In den folgenden Jahren war Kooperation sodann nicht mehr nur ein bildungspolitisches Schlagwort, sondern in der berufs-/wirtschaftspädagogischen sowie weiterbildungswissenschaftlichen Theorie und Forschung begannen von nun an die Diskussionen und Untersuchungen zu Bedingungen und Problemen von Lernorten und ihren Kooperationsbeziehungen (vgl. GREINERT 1979; KEIM/ OLBRICH/ SIEBERT 1973). Einen Einblick in die damalige berufs- und wirtschaftspädagogische Literatur gibt KIPP (1979) in seinem kommentierten Schriftenverzeichnis zur "Lernortproblematik".

Während sich die jüngere berufs- und wirtschaftspädagogische Auseinandersetzung mit und Forschung von Lernortkooperationen seither vor allem auf den Austausch und die Abstimmung zwischen den beiden Partnern im Dualen System (vgl. z.B. BUSCHFELD 1994; PÄTZOLD/ WALDEN 1995; EULER 1999) konzentriert, fokussieren vor dem Hintergrund der Programmatiken zur Regionalentwicklung Diskussionen und Untersuchungen in der Weiterbildung in erster Linie auf "Verbünde", "Runde Tische" oder "Qualifizierungsnetzwerke", also auf das Zusammenspiel zwischen mehreren unterschiedlichen an der regionalen Weiterbildungsgestaltung Beteiligten (vgl. DOBISCHAT/ HUSEMANN 1995; 1997; DOBISCHAT 1999; FAULSTICH/ ZEUNER 1999; BÜCHTER 2000; WILBERS 2002). Auch wenn es in diesen genannten Forschungsbereichen primär um die Frage der interinstitutionellen Kooperationen geht, wird hierbei jeweils deutlich, dass auch interne Strukturen, Entscheidungs- und Kommunikationswege der einzelnen Institutionen in den Blick genommen werden müssen.

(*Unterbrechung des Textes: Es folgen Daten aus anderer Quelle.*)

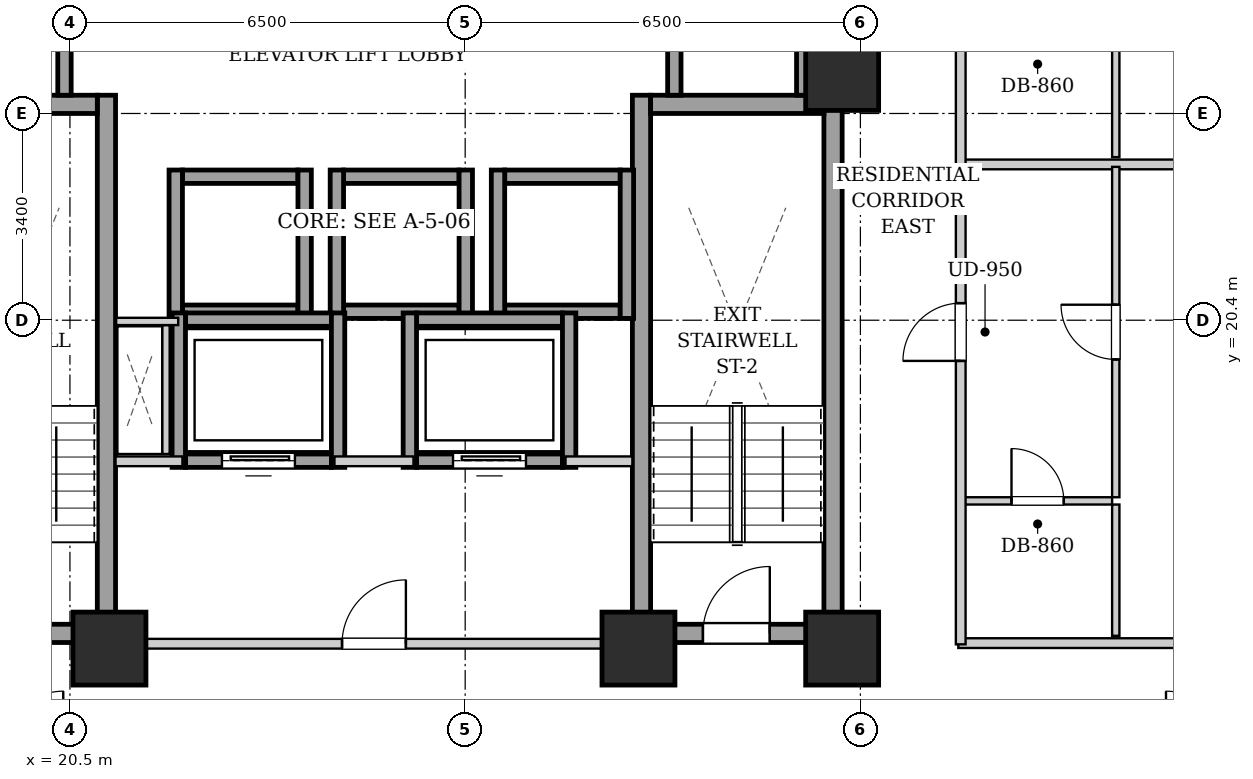
"""IFC4 building model, lengths in metres.
Left out: names, types, materials, properties, quantities, classifications, styles, units other than length and angle.
Written with IfcOpenShell. Run it as: python <this file> out.ifc"""

import sys

from ifc_helpers import new_model, si_unit, direction, frame, frame_2d, origin, origin_2d, place, context, subcontext, project, spatial, rectangle, extrude, element, fill, save


model = new_model("IFC4")
c1 = context("Model", 3, precision=1e-05, world=origin(), true_north=direction((0.0, 1.0)))
c2 = subcontext(c1, "Body", "Model", "MODEL_VIEW")
j1 = project(units=[si_unit("LENGTHUNIT", "METRE"), si_unit("PLANEANGLEUNIT", "RADIAN")], contexts=[c1])
p1 = place(None, origin())
s1 = spatial("IfcSite", under=j1, at=p1, CompositionType="ELEMENT")
p2 = place(p1, origin())
s2 = spatial("IfcBuilding", under=s1, at=p2, CompositionType="ELEMENT")
p3 = place(p2, frame((0.0, 0.0, 51.4)))
s3 = spatial("IfcBuildingStorey", under=s2, at=p3, CompositionType="ELEMENT", Elevation=51.4)
for number, where, z_axis, x_axis in (
    (1, (21.15, 15.0, 0.0), (0.0, 0.0, 1.0), (1.0, 0.0, 0.0)),
    (2, (29.85, 15.0, 0.0), (0.0, 0.0, 1.0), (1.0, 0.0, 0.0)),
    (3, (33.2, 15.0, 0.0), (0.0, 0.0, 1.0), (1.0, 0.0, 0.0)),
    (4, (33.2, 24.45, 0.0), (0.0, 0.0, 1.0), (1.0, 0.0, 0.0)),
):
    element("IfcColumn", number, at=place(p3, frame(where, z_axis=z_axis, x_axis=x_axis)), inside=s3, PredefinedType="COLUMN", context=c2, shape_type="SweptSolid", body=[
        extrude(rectangle(XDim=1.2, YDim=1.2, at=origin_2d()), origin(), (0.0, 0.0, 1.0), 3.2),
    ])
p4 = place(p3, frame((21.1, 15.1, 0.0), z_axis=(0.0, 0.0, 1.0), x_axis=(0.0, 1.0, 0.0)))
e5 = element("IfcWall", 5, at=p4, inside=s3, PredefinedType="SHEAR", context=c2, shape_type="SweptSolid", body=[
    extrude(rectangle(XDim=9.0, YDim=0.3, at=frame_2d((4.5, 0.0))), origin(), (0.0, 0.0, 1.0), 2.94),
])
p5 = place(p3, frame((18.1, 23.95, 0.0), z_axis=(0.0, 0.0, 1.0), x_axis=(1.0, 0.0, 0.0)))
e6 = element("IfcWall", 6, at=p5, inside=s3, PredefinedType="SHEAR", context=c2, shape_type="SweptSolid", body=[
    extrude(rectangle(XDim=2.85, YDim=0.3, at=frame_2d((1.425, 0.0))), origin(), (0.0, 0.0, 1.0), 2.94),
])
p6 = place(p3, frame((18.1, 15.25, 0.0), z_axis=(0.0, 0.0, 1.0), x_axis=(1.0, 0.0, 0.0)))
e7 = element("IfcWall", 7, at=p6, inside=s3, PredefinedType="SHEAR", context=c2, shape_type="SweptSolid", body=[
    extrude(rectangle(XDim=2.85, YDim=0.3, at=frame_2d((1.425, 0.0))), origin(), (0.0, 0.0, 1.0), 2.94),
])
p7 = place(p6, frame((0.86, 0.0, 0.0)))
e8 = element("IfcOpeningElement", 8, at=p7, cuts=e7, PredefinedType="OPENING", context=c2, shape_type="SweptSolid", body=[
    extrude(rectangle(XDim=1.1, YDim=2.05, at=frame_2d((0.55, 1.025))), frame((0.0, 0.16, 0.0), z_axis=(0.0, -1.0, 0.0), x_axis=(1.0, 0.0, 0.0)), (0.0, 0.0, 1.0), 0.32),
])
for number, where, z_axis, x_axis in (
    (9, (29.9, 15.1, 0.0), (0.0, 0.0, 1.0), (0.0, 1.0, 0.0)),
    (10, (33.05, 15.1, 0.0), (0.0, 0.0, 1.0), (0.0, 1.0, 0.0)),
):
    element("IfcWall", number, at=place(p3, frame(where, z_axis=z_axis, x_axis=x_axis)), inside=s3, PredefinedType="SHEAR", context=c2, shape_type="SweptSolid", body=[
        extrude(rectangle(XDim=9.0, YDim=0.3, at=frame_2d((4.5, 0.0))), origin(), (0.0, 0.0, 1.0), 2.94),
    ])
p8 = place(p3, frame((30.05, 23.95, 0.0), z_axis=(0.0, 0.0, 1.0), x_axis=(1.0, 0.0, 0.0)))
e11 = element("IfcWall", 11, at=p8, inside=s3, PredefinedType="SHEAR", context=c2, shape_type="SweptSolid", body=[
    extrude(rectangle(XDim=2.85, YDim=0.3, at=frame_2d((1.425, 0.0))), origin(), (0.0, 0.0, 1.0), 2.94),
])
p9 = place(p3, frame((30.05, 15.25, 0.0), z_axis=(0.0, 0.0, 1.0), x_axis=(1.0, 0.0, 0.0)))
e12 = element("IfcWall", 12, at=p9, inside=s3, PredefinedType="SHEAR", context=c2, shape_type="SweptSolid", body=[
    extrude(rectangle(XDim=2.85, YDim=0.3, at=frame_2d((1.425, 0.0))), origin(), (0.0, 0.0, 1.0), 2.94),
])
p10 = place(p9, frame((0.86, 0.0, 0.0)))
e13 = element("IfcOpeningElement", 13, at=p10, cuts=e12, PredefinedType="OPENING", context=c2, shape_type="SweptSolid", body=[
    extrude(rectangle(XDim=1.1, YDim=2.05, at=frame_2d((0.55, 1.025))), frame((0.0, 0.16, 0.0), z_axis=(0.0, -1.0, 0.0), x_axis=(1.0, 0.0, 0.0)), (0.0, 0.0, 1.0), 0.32),
])
for number, where, z_axis, x_axis in (
    (14, (22.35, 20.54, 0.0), (0.0, 0.0, 1.0), (1.0, 0.0, 0.0)),
    (15, (22.35, 22.76, 0.0), (0.0, 0.0, 1.0), (1.0, 0.0, 0.0)),
):
    element("IfcWall", number, at=place(p3, frame(where, z_axis=z_axis, x_axis=x_axis)), inside=s3, PredefinedType="SHEAR", context=c2, shape_type="SweptSolid", body=[
        extrude(rectangle(XDim=1.9, YDim=0.22, at=frame_2d((0.95, 0.0))), origin(), (0.0, 0.0, 1.0), 2.94),
    ])
for number, where, z_axis, x_axis in (
    (16, (22.24, 20.43, 0.0), (0.0, 0.0, 1.0), (0.0, 1.0, 0.0)),
    (17, (24.36, 20.43, 0.0), (0.0, 0.0, 1.0), (0.0, 1.0, 0.0)),
):
    element("IfcWall", number, at=place(p3, frame(where, z_axis=z_axis, x_axis=x_axis)), inside=s3, PredefinedType="SHEAR", context=c2, shape_type="SweptSolid", body=[
        extrude(rectangle(XDim=2.44, YDim=0.22, at=frame_2d((1.22, 0.0))), origin(), (0.0, 0.0, 1.0), 2.94),
    ])
for number, where, z_axis, x_axis in (
    (18, (25.0, 20.54, 0.0), (0.0, 0.0, 1.0), (1.0, 0.0, 0.0)),
    (19, (25.0, 22.76, 0.0), (0.0, 0.0, 1.0), (1.0, 0.0, 0.0)),
):
    element("IfcWall", number, at=place(p3, frame(where, z_axis=z_axis, x_axis=x_axis)), inside=s3, PredefinedType="SHEAR", context=c2, shape_type="SweptSolid", body=[
        extrude(rectangle(XDim=1.9, YDim=0.22, at=frame_2d((0.95, 0.0))), origin(), (0.0, 0.0, 1.0), 2.94),
    ])
for number, where, z_axis, x_axis in (
    (20, (24.89, 20.43, 0.0), (0.0, 0.0, 1.0), (0.0, 1.0, 0.0)),
    (21, (27.01, 20.43, 0.0), (0.0, 0.0, 1.0), (0.0, 1.0, 0.0)),
):
    element("IfcWall", number, at=place(p3, frame(where, z_axis=z_axis, x_axis=x_axis)), inside=s3, PredefinedType="SHEAR", context=c2, shape_type="SweptSolid", body=[
        extrude(rectangle(XDim=2.44, YDim=0.22, at=frame_2d((1.22, 0.0))), origin(), (0.0, 0.0, 1.0), 2.94),
    ])
for number, where, z_axis, x_axis in (
    (22, (27.65, 20.54, 0.0), (0.0, 0.0, 1.0), (1.0, 0.0, 0.0)),
    (23, (27.65, 22.76, 0.0), (0.0, 0.0, 1.0), (1.0, 0.0, 0.0)),
):
    element("IfcWall", number, at=place(p3, frame(where, z_axis=z_axis, x_axis=x_axis)), inside=s3, PredefinedType="SHEAR", context=c2, shape_type="SweptSolid", body=[
        extrude(rectangle(XDim=1.9, YDim=0.22, at=frame_2d((0.95, 0.0))), origin(), (0.0, 0.0, 1.0), 2.94),
    ])
for number, where, z_axis, x_axis in (
    (24, (27.54, 20.43, 0.0), (0.0, 0.0, 1.0), (0.0, 1.0, 0.0)),
    (25, (29.66, 20.43, 0.0), (0.0, 0.0, 1.0), (0.0, 1.0, 0.0)),
):
    element("IfcWall", number, at=place(p3, frame(where, z_axis=z_axis, x_axis=x_axis)), inside=s3, PredefinedType="SHEAR", context=c2, shape_type="SweptSolid", body=[
        extrude(rectangle(XDim=2.44, YDim=0.22, at=frame_2d((1.22, 0.0))), origin(), (0.0, 0.0, 1.0), 2.94),
    ])
p11 = place(p3, frame((20.41, 24.1, 0.0), z_axis=(0.0, 0.0, 1.0), x_axis=(0.0, 1.0, 0.0)))
e26 = element("IfcWall", 26, at=p11, inside=s3, PredefinedType="SHEAR", context=c2, shape_type="SweptSolid", body=[
    extrude(rectangle(XDim=1.96, YDim=0.22, at=frame_2d((0.98, 0.0))), origin(), (0.0, 0.0, 1.0), 2.94),
])
for number, where, z_axis, x_axis in (
    (27, (30.44, 24.1, 0.0), (0.0, 0.0, 1.0), (0.0, 1.0, 0.0)),
    (28, (32.56, 24.1, 0.0), (0.0, 0.0, 1.0), (0.0, 1.0, 0.0)),
):
    element("IfcWall", number, at=place(p3, frame(where, z_axis=z_axis, x_axis=x_axis)), inside=s3, PredefinedType="SHEAR", context=c2, shape_type="SweptSolid", body=[
        extrude(rectangle(XDim=2.07, YDim=0.22, at=frame_2d((1.035, 0.0))), origin(), (0.0, 0.0, 1.0), 2.94),
    ])
p12 = place(p3, frame((22.4, 18.09, 0.0), z_axis=(0.0, 0.0, 1.0), x_axis=(1.0, 0.0, 0.0)))
e29 = element("IfcWall", 29, at=p12, inside=s3, PredefinedType="SHEAR", context=c2, shape_type="SweptSolid", body=[
    extrude(rectangle(XDim=2.4, YDim=0.22, at=frame_2d((1.2, 0.0))), origin(), (0.0, 0.0, 1.0), 2.94),
])
p13 = place(p12, frame((0.6, 0.0, 0.0)))
e30 = element("IfcOpeningElement", 30, at=p13, cuts=e29, PredefinedType="OPENING", context=c2, shape_type="SweptSolid", body=[
    extrude(rectangle(XDim=1.2, YDim=2.15, at=frame_2d((0.6, 1.075))), frame((0.0, 0.12, 0.0), z_axis=(0.0, -1.0, 0.0), x_axis=(1.0, 0.0, 0.0)), (0.0, 0.0, 1.0), 0.24),
])
p14 = place(p3, frame((22.4, 20.41, 0.0), z_axis=(0.0, 0.0, 1.0), x_axis=(1.0, 0.0, 0.0)))
e31 = element("IfcWall", 31, at=p14, inside=s3, PredefinedType="SHEAR", context=c2, shape_type="SweptSolid", body=[
    extrude(rectangle(XDim=2.4, YDim=0.22, at=frame_2d((1.2, 0.0))), origin(), (0.0, 0.0, 1.0), 2.94),
])
for number, where, z_axis, x_axis in (
    (32, (22.29, 17.98, 0.0), (0.0, 0.0, 1.0), (0.0, 1.0, 0.0)),
    (33, (24.91, 17.98, 0.0), (0.0, 0.0, 1.0), (0.0, 1.0, 0.0)),
):
    element("IfcWall", number, at=place(p3, frame(where, z_axis=z_axis, x_axis=x_axis)), inside=s3, PredefinedType="SHEAR", context=c2, shape_type="SweptSolid", body=[
        extrude(rectangle(XDim=2.54, YDim=0.22, at=frame_2d((1.27, 0.0))), origin(), (0.0, 0.0, 1.0), 2.94),
    ])
p15 = place(p3, frame((26.2, 18.09, 0.0), z_axis=(0.0, 0.0, 1.0), x_axis=(1.0, 0.0, 0.0)))
e34 = element("IfcWall", 34, at=p15, inside=s3, PredefinedType="SHEAR", context=c2, shape_type="SweptSolid", body=[
    extrude(rectangle(XDim=2.4, YDim=0.22, at=frame_2d((1.2, 0.0))), origin(), (0.0, 0.0, 1.0), 2.94),
])
p16 = place(p15, frame((0.6, 0.0, 0.0)))
e35 = element("IfcOpeningElement", 35, at=p16, cuts=e34, PredefinedType="OPENING", context=c2, shape_type="SweptSolid", body=[
    extrude(rectangle(XDim=1.2, YDim=2.15, at=frame_2d((0.6, 1.075))), frame((0.0, 0.12, 0.0), z_axis=(0.0, -1.0, 0.0), x_axis=(1.0, 0.0, 0.0)), (0.0, 0.0, 1.0), 0.24),
])
p17 = place(p3, frame((26.2, 20.41, 0.0), z_axis=(0.0, 0.0, 1.0), x_axis=(1.0, 0.0, 0.0)))
e36 = element("IfcWall", 36, at=p17, inside=s3, PredefinedType="SHEAR", context=c2, shape_type="SweptSolid", body=[
    extrude(rectangle(XDim=2.4, YDim=0.22, at=frame_2d((1.2, 0.0))), origin(), (0.0, 0.0, 1.0), 2.94),
])
for number, where, z_axis, x_axis in (
    (37, (26.09, 17.98, 0.0), (0.0, 0.0, 1.0), (0.0, 1.0, 0.0)),
    (38, (28.71, 17.98, 0.0), (0.0, 0.0, 1.0), (0.0, 1.0, 0.0)),
):
    element("IfcWall", number, at=place(p3, frame(where, z_axis=z_axis, x_axis=x_axis)), inside=s3, PredefinedType="SHEAR", context=c2, shape_type="SweptSolid", body=[
        extrude(rectangle(XDim=2.54, YDim=0.22, at=frame_2d((1.27, 0.0))), origin(), (0.0, 0.0, 1.0), 2.94),
    ])
p18 = place(p3, frame((21.25, 15.08, 0.0), z_axis=(0.0, 0.0, 1.0), x_axis=(1.0, 0.0, 0.0)))
e39 = element("IfcWall", 39, at=p18, inside=s3, PredefinedType="PARTITIONING", context=c2, shape_type="SweptSolid", body=[
    extrude(rectangle(XDim=8.5, YDim=0.16, at=frame_2d((4.25, 0.0))), origin(), (0.0, 0.0, 1.0), 2.232),
])
p19 = place(p18, frame((3.725, 0.0, 0.0)))
e40 = element("IfcOpeningElement", 40, at=p19, cuts=e39, PredefinedType="OPENING", context=c2, shape_type="SweptSolid", body=[
    extrude(rectangle(XDim=1.05, YDim=2.05, at=frame_2d((0.525, 1.025))), frame((0.0, 0.09, 0.0), z_axis=(0.0, -1.0, 0.0), x_axis=(1.0, 0.0, 0.0)), (0.0, 0.0, 1.0), 0.18),
])
p20 = place(p3, frame((21.25, 18.08, 0.0), z_axis=(0.0, 0.0, 1.0), x_axis=(1.0, 0.0, 0.0)))
e41 = element("IfcWall", 41, at=p20, inside=s3, PredefinedType="PARTITIONING", context=c2, shape_type="SweptSolid", body=[
    extrude(rectangle(XDim=1.1, YDim=0.16, at=frame_2d((0.55, 0.0))), origin(), (0.0, 0.0, 1.0), 2.94),
])
p21 = place(p3, frame((24.85, 18.08, 0.0), z_axis=(0.0, 0.0, 1.0), x_axis=(1.0, 0.0, 0.0)))
e42 = element("IfcWall", 42, at=p21, inside=s3, PredefinedType="PARTITIONING", context=c2, shape_type="SweptSolid", body=[
    extrude(rectangle(XDim=1.3, YDim=0.16, at=frame_2d((0.65, 0.0))), origin(), (0.0, 0.0, 1.0), 2.94),
])
p22 = place(p3, frame((28.65, 18.08, 0.0), z_axis=(0.0, 0.0, 1.0), x_axis=(1.0, 0.0, 0.0)))
e43 = element("IfcWall", 43, at=p22, inside=s3, PredefinedType="PARTITIONING", context=c2, shape_type="SweptSolid", body=[
    extrude(rectangle(XDim=1.1, YDim=0.16, at=frame_2d((0.55, 0.0))), origin(), (0.0, 0.0, 1.0), 2.94),
])
p23 = place(p3, frame((33.12, 24.12, 0.0), z_axis=(0.0, 0.0, 1.0), x_axis=(0.0, 1.0, 0.0)))
e44 = element("IfcWall", 44, at=p23, inside=s3, PredefinedType="PARTITIONING", context=c2, shape_type="SweptSolid", body=[
    extrude(rectangle(XDim=4.76, YDim=0.16, at=frame_2d((2.38, 0.0))), origin(), (0.0, 0.0, 1.0), 2.94),
])
p24 = place(p3, frame((22.08, 18.2, 0.0), z_axis=(0.0, 0.0, 1.0), x_axis=(0.0, 1.0, 0.0)))
e45 = element("IfcWall", 45, at=p24, inside=s3, PredefinedType="PARTITIONING", context=c2, shape_type="SweptSolid", body=[
    extrude(rectangle(XDim=2.12, YDim=0.12, at=frame_2d((1.06, 0.0))), origin(), (0.0, 0.0, 1.0), 2.94),
])
p25 = place(p3, frame((22.28, 20.38, 0.0), z_axis=(0.0, 0.0, 1.0), x_axis=(-1.0, 0.0, 0.0)))
e46 = element("IfcWall", 46, at=p25, inside=s3, PredefinedType="PARTITIONING", context=c2, shape_type="SweptSolid", body=[
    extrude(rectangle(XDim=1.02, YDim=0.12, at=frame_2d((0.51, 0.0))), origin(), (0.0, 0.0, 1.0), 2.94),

Institutionsinterne Kooperation wird beispielsweise dort thematisiert, wo es um die Frage nach der Führung und Autonomie von Berufsschulen (vgl. DUBS 1994; 1997; LISOP 1998), um Schulinnovations- (CAPAUL 2002) oder Schulentwicklungsprozesse (vgl. z.B. GERDS/ LUND 2000; VON RÜDEN 2000; STARK/ FITZNER/ SCHUBERT 1995; PHILIPP/ROLFF 1999), um Organisationsentwicklung und Wissensmanagement (vgl. HUISINGA/LISOP 1999) geht. Insbesondere im Kontext bildungspolitischer und berufspädagogischer Konzepte beispielsweise zu "Lernfeldern" (vgl. HUISINGA/ LISOP/ SPEIER 1999; LIPSMEIER 2000) oder zur "Weiterentwicklung der Berufsschule zu Zentren der beruflichen Aus- und Weiterbildung" (KUTSCHA 1995) bzw. zu "Kompetenzzentren" (BUND-LÄNDER-KOMMISSION 2002) spielt die berufsschulinterne Kooperation als Reformbedingung eine wichtige Rolle.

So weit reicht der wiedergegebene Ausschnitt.